De l'Antiquité à la fondation du bourg de Dampierre

On sait peu de choses de l'occupation du site de Dampierre-sur-Boutonne antérieurement au Moyen Age. A la fin du 19e siècle, on mit au jour au pied du champ de foire (au sud de l'église) les restes d'une villa gallo-romaine : «L'hypocauste avait encore une partie de son aire bétonnée, remplie de cendres et de débris de toute sorte, parmi lesquels on a recueilli des carreaux en losange, vernissés rouge, noir et vert, des tuiles à rebord et des ossements d'animaux».

Les vestiges d'un ancien camp romain existent également au lieu-dit Le Châtelier (à cheval sur la commune voisine de Saint-Séverin-sur-Boutonne. Le site est protégé par une inscription à l'Inventaire supplémentaire des Monuments Historiques depuis 1945. L'empreinte romaine a été très profonde dans la région comme le montrent également les importantes découvertes effectuées à Aulnay-de-Saintonge.

La première moitié du Moyen Age n'a livré aucun indice concernant l'occupation de Dampierre. Autour de l'an mil, un premier château, appelé le Château Gaillard, s'élevait sur les hauteurs du village, à proximité de l'église. Ce castrum, dont il ne reste rien, est mentionné vers 1028 par le cartulaire de l'abbaye de Saint-Jean-d'Angély. La chapelle primitive aurait été remplacée à partir du 11e par l'actuelle église Saint-Pierre. Une légende veut qu'elle ait été fondée à l'emplacement où fut découverte, après un orage, l'empreinte d'une clé dans un rocher, assimilée à une clé de saint Pierre.

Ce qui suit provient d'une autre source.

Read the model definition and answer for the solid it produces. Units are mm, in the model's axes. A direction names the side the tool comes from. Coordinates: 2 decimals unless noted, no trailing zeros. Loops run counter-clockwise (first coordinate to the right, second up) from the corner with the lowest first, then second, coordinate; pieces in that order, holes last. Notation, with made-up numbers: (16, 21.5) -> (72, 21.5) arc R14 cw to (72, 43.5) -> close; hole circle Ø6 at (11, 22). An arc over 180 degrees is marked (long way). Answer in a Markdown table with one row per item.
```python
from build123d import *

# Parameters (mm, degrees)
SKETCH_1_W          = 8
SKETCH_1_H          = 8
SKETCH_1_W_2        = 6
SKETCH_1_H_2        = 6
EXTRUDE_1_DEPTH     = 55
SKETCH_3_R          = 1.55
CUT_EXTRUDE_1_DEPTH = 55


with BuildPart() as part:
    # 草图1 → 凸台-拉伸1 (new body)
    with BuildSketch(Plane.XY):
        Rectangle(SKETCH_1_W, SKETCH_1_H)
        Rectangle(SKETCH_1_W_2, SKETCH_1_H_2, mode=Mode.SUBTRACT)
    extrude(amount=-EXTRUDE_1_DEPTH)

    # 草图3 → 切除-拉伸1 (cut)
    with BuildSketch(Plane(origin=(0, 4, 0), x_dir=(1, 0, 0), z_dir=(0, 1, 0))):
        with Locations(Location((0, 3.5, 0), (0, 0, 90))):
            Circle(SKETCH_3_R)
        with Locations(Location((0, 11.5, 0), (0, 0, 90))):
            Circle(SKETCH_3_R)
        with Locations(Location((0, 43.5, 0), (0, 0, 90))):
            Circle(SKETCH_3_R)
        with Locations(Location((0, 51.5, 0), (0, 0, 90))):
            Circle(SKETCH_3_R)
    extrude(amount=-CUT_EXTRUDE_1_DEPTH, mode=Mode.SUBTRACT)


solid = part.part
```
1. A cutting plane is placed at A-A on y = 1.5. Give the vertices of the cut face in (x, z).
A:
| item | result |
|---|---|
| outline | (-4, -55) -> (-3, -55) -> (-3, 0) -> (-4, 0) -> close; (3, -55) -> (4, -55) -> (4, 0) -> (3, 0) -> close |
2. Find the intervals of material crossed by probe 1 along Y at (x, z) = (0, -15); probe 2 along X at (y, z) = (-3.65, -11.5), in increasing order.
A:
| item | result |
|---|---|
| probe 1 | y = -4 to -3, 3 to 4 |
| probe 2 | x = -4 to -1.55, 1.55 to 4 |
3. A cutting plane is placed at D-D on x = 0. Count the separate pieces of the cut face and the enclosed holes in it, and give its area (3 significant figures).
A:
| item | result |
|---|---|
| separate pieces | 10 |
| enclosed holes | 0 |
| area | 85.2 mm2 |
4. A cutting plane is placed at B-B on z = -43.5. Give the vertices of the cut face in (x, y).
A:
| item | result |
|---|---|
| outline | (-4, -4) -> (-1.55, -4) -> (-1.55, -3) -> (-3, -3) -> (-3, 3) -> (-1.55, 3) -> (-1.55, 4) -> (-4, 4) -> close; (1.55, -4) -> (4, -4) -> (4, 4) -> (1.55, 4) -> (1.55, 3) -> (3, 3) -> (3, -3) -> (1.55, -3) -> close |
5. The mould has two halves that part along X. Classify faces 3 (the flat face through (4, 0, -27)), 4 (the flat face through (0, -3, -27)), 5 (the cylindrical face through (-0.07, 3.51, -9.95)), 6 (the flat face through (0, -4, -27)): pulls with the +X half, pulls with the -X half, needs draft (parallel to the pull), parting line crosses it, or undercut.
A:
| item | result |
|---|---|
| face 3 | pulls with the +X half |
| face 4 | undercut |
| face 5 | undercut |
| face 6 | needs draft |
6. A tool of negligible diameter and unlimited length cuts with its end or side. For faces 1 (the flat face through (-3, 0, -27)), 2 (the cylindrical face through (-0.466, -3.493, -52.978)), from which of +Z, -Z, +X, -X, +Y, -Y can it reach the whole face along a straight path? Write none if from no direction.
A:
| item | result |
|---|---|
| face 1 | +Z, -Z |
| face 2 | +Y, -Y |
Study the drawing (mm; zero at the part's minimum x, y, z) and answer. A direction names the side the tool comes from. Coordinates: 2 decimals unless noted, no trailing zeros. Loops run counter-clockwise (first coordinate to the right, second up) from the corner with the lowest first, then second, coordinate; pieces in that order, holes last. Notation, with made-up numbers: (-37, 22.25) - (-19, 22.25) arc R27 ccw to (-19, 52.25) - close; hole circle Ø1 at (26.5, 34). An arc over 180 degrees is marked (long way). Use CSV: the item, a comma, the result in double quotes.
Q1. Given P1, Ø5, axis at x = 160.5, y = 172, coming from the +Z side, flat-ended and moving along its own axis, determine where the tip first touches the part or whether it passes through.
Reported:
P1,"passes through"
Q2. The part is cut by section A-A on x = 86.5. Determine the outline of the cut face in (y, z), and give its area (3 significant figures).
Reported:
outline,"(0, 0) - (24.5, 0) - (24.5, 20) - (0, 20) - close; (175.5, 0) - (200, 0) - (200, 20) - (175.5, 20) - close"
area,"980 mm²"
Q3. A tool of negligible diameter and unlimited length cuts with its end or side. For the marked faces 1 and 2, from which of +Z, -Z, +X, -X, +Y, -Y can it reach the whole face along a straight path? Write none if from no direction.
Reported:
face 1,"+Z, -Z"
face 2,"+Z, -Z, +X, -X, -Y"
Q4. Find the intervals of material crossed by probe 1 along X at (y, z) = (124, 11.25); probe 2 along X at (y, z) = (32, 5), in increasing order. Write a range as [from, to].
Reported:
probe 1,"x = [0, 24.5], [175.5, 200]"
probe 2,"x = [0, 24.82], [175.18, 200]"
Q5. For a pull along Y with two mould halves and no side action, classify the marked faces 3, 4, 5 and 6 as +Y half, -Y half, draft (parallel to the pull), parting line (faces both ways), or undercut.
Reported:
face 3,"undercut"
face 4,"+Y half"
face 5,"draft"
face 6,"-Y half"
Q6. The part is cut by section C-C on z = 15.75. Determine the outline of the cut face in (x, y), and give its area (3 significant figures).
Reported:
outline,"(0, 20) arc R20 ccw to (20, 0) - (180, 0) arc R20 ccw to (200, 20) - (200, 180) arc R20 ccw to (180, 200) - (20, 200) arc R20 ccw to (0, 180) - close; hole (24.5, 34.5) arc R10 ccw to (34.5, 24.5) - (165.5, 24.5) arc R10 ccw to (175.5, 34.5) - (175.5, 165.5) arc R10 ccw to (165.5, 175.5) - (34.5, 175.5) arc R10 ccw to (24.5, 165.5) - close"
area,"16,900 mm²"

Une charte des environs de 1045 peut être considérée comme l'acte de fondation du bourg de Dampierre. Par celle-ci, les frères Rabiol, seigneurs proches des vicomtes d'Aulnay, donnent aux moines de l'abbaye Saint-Cyprien de Poitiers l'église Saint-Pierre de Dampierre, la dîme sur la paroisse, ainsi qu'un terrain entourant l'église pour y construire des maisons et élever un bourg. C'est donc à partir du milieu du 11e siècle que l'agglomération de Dampierre se constitue véritablement.

Toutefois, plusieurs localités devaient s'être formées avant cette date, puisque d'après cette même charte, la paroisse comptait déjà trois églises. Saint-Pierre, à proximité du premier château, Saint-Vincent, semble-t-il en contrebas, et Saint-Hilaire, dans le village du même nom. Des trois, seule l'église Saint-Pierre (qui était flanquée d'un prieuré aujourd'hui détruit) a traversé les siècles : Saint-Vincent a probablement disparu très tôt, Saint-Hilaire n'existait plus à la Révolution, mais son cimetière était encore en place (l'emplacement de l'église et le cimetière furent vendus comme bien nationaux).

Un carrefour important au Moyen Age

Très peu d'éléments du Moyen Age, en dehors de l'église, subsistent à Dampierre-sur-Boutonne. Pourtant, les écrits et les études réalisées sur la commune suggèrent qu'il s'agissait d'un bourg relativement important, parsemé d'édifices religieux et animé par d'importantes foires.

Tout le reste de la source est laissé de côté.